Are other angry, horrible people simply in pain? Is that why they go bat shit crazy and engage in road rage incidents? What is the overall impact of pain on everyday life?
I stole the title of this post from a well-known book by Elaine Scarry, in which she discusses physical pain and how it “unmakes the world,” especially in its most extreme form—torture. She argues that torture makes language impossible, and is thus utterly opposed to human creativity. Though her book is both complex and fascinating, I am more interested in the history of everyday pain. The study of pain during the early modern period is currently a hot topic, with scholars considering how pain was described and treated. It is more difficult to discover how those in the past actually experienced pain, but I have come across a number of visceral written descriptions. I will never forget, for example, a short treatise that I read while working at the Bibliothèque nationale in Paris, about a man who underwent surgery in 1612 in order to have kidney stones removed [8-TE97-10]. The surgeons were reluctant to operate because the suffering man was 63 years old—an advanced age at the time—but the elderly courtier was in so much pain that he gathered his courage, went to confession, and insisted that the surgery proceed. The head surgeon made an incision in the man’s perineum and inserted “une sonde,” a long thin instrument into the wound. While strong assistants held the patient down, the surgeon used tweezers to search for and remove several stones. After an hour of probing for more stones, the tormented older man was covered in blood, crying in agony, with eyes half dead and a black tongue.
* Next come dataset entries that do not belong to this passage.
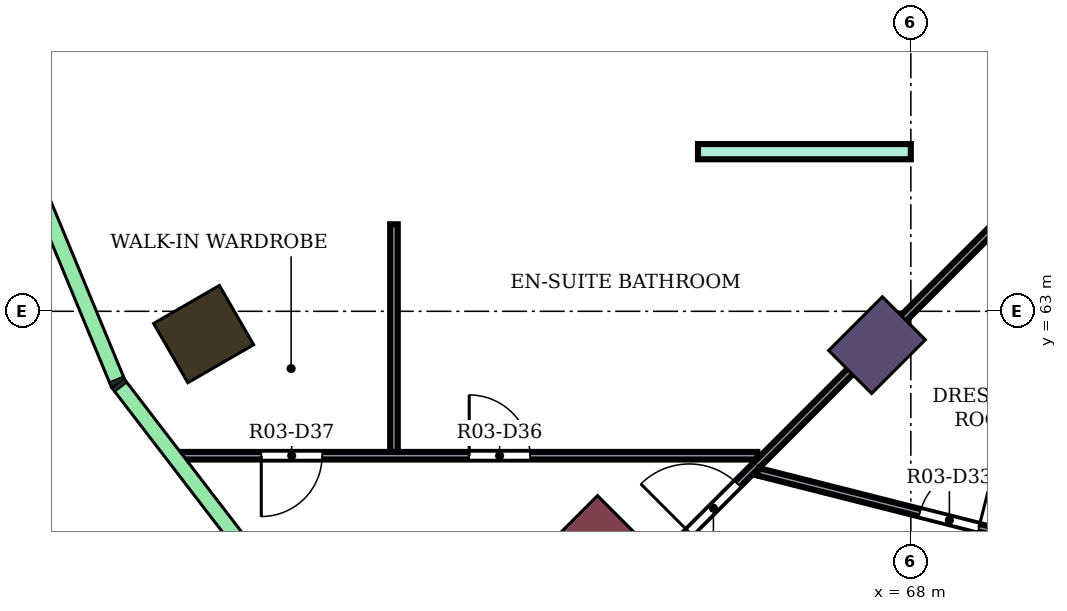
"""IFC4 building model, lengths in metres.
Left out: names, types, materials, properties, quantities, classifications, styles, units other than length and angle.
Written with IfcOpenShell. Run it as: python <this file> out.ifc"""

import sys

from ifc_helpers import new_model, si_unit, direction, frame, frame_2d, origin, origin_2d, place, context, subcontext, project, spatial, rectangle, extrude, element, fill, save


model = new_model("IFC4")
c1 = context("Model", 3, precision=1e-05, world=origin(), true_north=direction((0.0, 1.0)))
c2 = subcontext(c1, "Body", "Model", "MODEL_VIEW")
j1 = project(units=[si_unit("LENGTHUNIT", "METRE"), si_unit("PLANEANGLEUNIT", "RADIAN")], contexts=[c1])
p1 = place(None, origin())
s1 = spatial("IfcSite", under=j1, at=p1, CompositionType="ELEMENT")
p2 = place(p1, origin())
s2 = spatial("IfcBuilding", under=s1, at=p2, CompositionType="ELEMENT")
p3 = place(p2, frame((0.0, 0.0, 190.5)))
s3 = spatial("IfcBuildingStorey", under=s2, at=p3, CompositionType="ELEMENT", Elevation=190.5)
p4 = place(p3, frame((58.696, 62.7, 0.0), z_axis=(0.0, 0.0, 1.0), x_axis=(-0.866025403784, -0.5, 0.0)))
e1 = element("IfcColumn", 1, at=p4, inside=s3, PredefinedType="COLUMN", context=c2, shape_type="SweptSolid", body=[
    extrude(rectangle(XDim=1.0, YDim=0.9, at=origin_2d()), origin(), (0.0, 0.0, 1.0), 4.1),
])
p5 = place(p3, frame((67.555, 62.555, 0.0), z_axis=(0.0, 0.0, 1.0), x_axis=(-0.707106781187, -0.707106781187, 0.0)))
e2 = element("IfcColumn", 2, at=p5, inside=s3, PredefinedType="COLUMN", context=c2, shape_type="SweptSolid", body=[
    extrude(rectangle(XDim=1.0, YDim=0.8, at=origin_2d()), origin(), (0.0, 0.0, 1.0), 4.1),
])
p6 = place(p3, frame((64.09, 59.09, 0.0), z_axis=(0.0, 0.0, 1.0), x_axis=(-0.707106781187, -0.707106781187, 0.0)))
e3 = element("IfcColumn", 3, at=p6, inside=s3, PredefinedType="COLUMN", context=c2, shape_type="SweptSolid", body=[
    extrude(rectangle(XDim=1.8, YDim=2.4, at=origin_2d()), origin(), (0.0, 0.0, 1.0), 4.1),
])
p7 = place(p3, frame((65.2, 65.1, 0.0), z_axis=(0.0, 0.0, 1.0), x_axis=(1.0, 0.0, 0.0)))
e4 = element("IfcWall", 4, at=p7, inside=s3, PredefinedType="PARTITIONING", context=c2, shape_type="SweptSolid", body=[
    extrude(rectangle(XDim=2.8, YDim=0.2, at=frame_2d((1.4, 0.0))), origin(), (0.0, 0.0, 1.0), 3.65),
])
p8 = place(p3, frame((58.379, 61.1, 0.0), z_axis=(0.0, 0.0, 1.0), x_axis=(1.0, 0.0, 0.0)))
e5 = element("IfcWall", 5, at=p8, inside=s3, PredefinedType="PARTITIONING", context=c2, shape_type="SweptSolid", body=[
    extrude(rectangle(XDim=7.601, YDim=0.1, at=frame_2d((3.801, 0.0))), origin(), (0.0, 0.0, 1.0), 3.65),
])
p9 = place(p8, frame((3.811, 0.0, 0.0)))
e6 = element("IfcOpeningElement", 6, at=p9, cuts=e5, PredefinedType="OPENING", context=c2, shape_type="SweptSolid", body=[
    extrude(rectangle(XDim=0.8, YDim=2.1, at=frame_2d((0.4, 1.05))), frame((0.0, 0.06, 0.0), z_axis=(0.0, -1.0, 0.0), x_axis=(1.0, 0.0, 0.0)), (0.0, 0.0, 1.0), 0.12),
])
p10 = place(p8, frame((1.075, 0.0, 0.0)))
e7 = element("IfcOpeningElement", 7, at=p10, cuts=e5, PredefinedType="OPENING", context=c2, shape_type="SweptSolid", body=[
    extrude(rectangle(XDim=0.8, YDim=2.1, at=frame_2d((0.4, 1.05))), frame((0.0, 0.06, 0.0), z_axis=(0.0, -1.0, 0.0), x_axis=(1.0, 0.0, 0.0)), (0.0, 0.0, 1.0), 0.12),
])
p11 = place(p3, frame((61.2, 61.15, 0.0), z_axis=(0.0, 0.0, 1.0), x_axis=(0.0, 1.0, 0.0)))
e8 = element("IfcWall", 8, at=p11, inside=s3, PredefinedType="PARTITIONING", context=c2, shape_type="SweptSolid", body=[
    extrude(rectangle(XDim=2.995, YDim=0.1, at=frame_2d((1.498, 0.0))), origin(), (0.0, 0.0, 1.0), 3.65),
])
p12 = place(p3, frame((63.592, 58.6, 0.0), z_axis=(0.0, 0.0, 1.0), x_axis=(0.707272108928, 0.706941414781, 0.0)))
e9 = element("IfcWall", 9, at=p12, inside=s3, PredefinedType="PARTITIONING", context=c2, shape_type="SweptSolid", body=[
    extrude(rectangle(XDim=8.859, YDim=0.1, at=frame_2d((4.43, 0.0))), origin(), (0.0, 0.0, 1.0), 3.65),
])
p13 = place(p12, frame((2.111, 0.0, 0.0)))
e10 = element("IfcOpeningElement", 10, at=p13, cuts=e9, PredefinedType="OPENING", context=c2, shape_type="SweptSolid", body=[
    extrude(rectangle(XDim=0.9, YDim=2.1, at=frame_2d((0.45, 1.05))), frame((0.0, 0.06, 0.0), z_axis=(0.0, -1.0, 0.0), x_axis=(1.0, 0.0, 0.0)), (0.0, 0.0, 1.0), 0.12),
])
p14 = place(p3, frame((65.987, 60.889, 0.0), z_axis=(0.0, 0.0, 1.0), x_axis=(0.969431303535, -0.245362889871, 0.0)))
e11 = element("IfcWall", 11, at=p14, inside=s3, PredefinedType="PARTITIONING", context=c2, shape_type="SweptSolid", body=[
    extrude(rectangle(XDim=5.22, YDim=0.1, at=frame_2d((2.61, 0.0))), origin(), (0.0, 0.0, 1.0), 3.65),
])
p15 = place(p14, frame((2.2, 0.0, 0.0)))
e12 = element("IfcOpeningElement", 12, at=p15, cuts=e11, PredefinedType="OPENING", context=c2, shape_type="SweptSolid", body=[
    extrude(rectangle(XDim=0.8, YDim=2.1, at=frame_2d((0.4, 1.05))), frame((0.0, 0.06, 0.0), z_axis=(0.0, -1.0, 0.0), x_axis=(1.0, 0.0, 0.0)), (0.0, 0.0, 1.0), 0.12),
])
p16 = place(p3, frame((67.099, 52.66, 0.0), z_axis=(0.0, 0.0, 1.0), x_axis=(0.500286442712, 0.865859962834, 0.0)))
e13 = element("IfcWall", 13, at=p16, inside=s3, PredefinedType="PARTITIONING", context=c2, shape_type="SweptSolid", body=[
    extrude(rectangle(XDim=12.876, YDim=0.1, at=frame_2d((6.438, 0.0))), origin(), (0.0, 0.0, 1.0), 3.65),
])
p17 = place(p16, frame((2.556, 0.0, 0.0)))
e14 = element("IfcOpeningElement", 14, at=p17, cuts=e13, PredefinedType="OPENING", context=c2, shape_type="SweptSolid", body=[
    extrude(rectangle(XDim=0.9, YDim=2.1, at=frame_2d((0.45, 1.05))), frame((0.0, 0.06, 0.0), z_axis=(0.0, -1.0, 0.0), x_axis=(1.0, 0.0, 0.0)), (0.0, 0.0, 1.0), 0.12),
])
p18 = place(p16, frame((10.248, 0.0, 0.0)))
e15 = element("IfcOpeningElement", 15, at=p18, cuts=e13, PredefinedType="OPENING", context=c2, shape_type="SweptSolid", body=[
    extrude(rectangle(XDim=0.8, YDim=2.1, at=frame_2d((0.4, 1.05))), frame((0.0, 0.06, 0.0), z_axis=(0.0, -1.0, 0.0), x_axis=(1.0, 0.0, 0.0)), (0.0, 0.0, 1.0), 0.12),
])
p19 = place(p15, origin())
e16 = element("IfcDoor", 16, at=p19, inside=s3, OperationType="SINGLE_SWING_RIGHT", PredefinedType="DOOR", context=c2, shape_type="SweptSolid", body=[
    extrude(rectangle(XDim=0.8, YDim=2.1, at=frame_2d((0.4, 1.05))), frame((0.0, 0.025, 0.0), z_axis=(0.0, -1.0, 0.0), x_axis=(1.0, 0.0, 0.0)), (0.0, 0.0, 1.0), 0.05),
])
fill(e12, e16)
p20 = place(p13, origin())
e17 = element("IfcDoor", 17, at=p20, inside=s3, OperationType="SINGLE_SWING_LEFT", PredefinedType="DOOR", context=c2, shape_type="SweptSolid", body=[
    extrude(rectangle(XDim=0.9, YDim=2.1, at=frame_2d((0.45, 1.05))), frame((0.0, 0.025, 0.0), z_axis=(0.0, -1.0, 0.0), x_axis=(1.0, 0.0, 0.0)), (0.0, 0.0, 1.0), 0.05),
])
fill(e10, e17)
p21 = place(p9, origin())
e18 = element("IfcDoor", 18, at=p21, inside=s3, OperationType="SINGLE_SWING_LEFT", PredefinedType="DOOR", context=c2, shape_type="SweptSolid", body=[
    extrude(rectangle(XDim=0.8, YDim=2.1, at=frame_2d((0.4, 1.05))), frame((0.0, 0.025, 0.0), z_axis=(0.0, -1.0, 0.0), x_axis=(1.0, 0.0, 0.0)), (0.0, 0.0, 1.0), 0.05),
])
fill(e6, e18)
p22 = place(p10, frame((0.8, 0.0, 0.0), z_axis=(0.0, 0.0, 1.0), x_axis=(-1.0, 0.0, 0.0)))
e19 = element("IfcDoor", 19, at=p22, inside=s3, OperationType="SINGLE_SWING_RIGHT", PredefinedType="DOOR", context=c2, shape_type="SweptSolid", body=[
    extrude(rectangle(XDim=0.8, YDim=2.1, at=frame_2d((0.4, 1.05))), frame((0.0, 0.025, 0.0), z_axis=(0.0, -1.0, 0.0), x_axis=(1.0, 0.0, 0.0)), (0.0, 0.0, 1.0), 0.05),
])
fill(e7, e19)
save(model, sys.argv[1])

In the end, he survived and thanked God for allowing him to endure such horrible pain. Ugh! This is a rather extreme case, but other sources reveal that various injuries and conditions, as well as the presence of body lice and fleas, were commonplace during the early modern period. At first I concluded that people in the past had experienced more pain than most of us do today. What could be worse than undergoing surgery without any anesthetic? But I now think that physical sensations were understood and literally felt differently in the past, and probably from person to person. Historians agree that pain is experienced diversely according to various cultural factors. Now I imagine that we are all fighting our own pain battles, unable to describe our feelings, left wondering about the severity of our condition.
How do you handle your pain? I find that working out is the best remedy. It gives me relief from every ailment. Many of us intuitively find solutions. One friend discovered that yoga is the only activity that eases the pain of her malformed hips. I “accidentally” built up the muscle in my back, which ultimately saved me according to my athletic physiotherapist. I am curious about whether or not you feel pain and how you have decided to treat it in your own way. I am also sorry that this post is serious rather than funny, but that is another sad impact of the sore feet, aching back and burning tit balloons.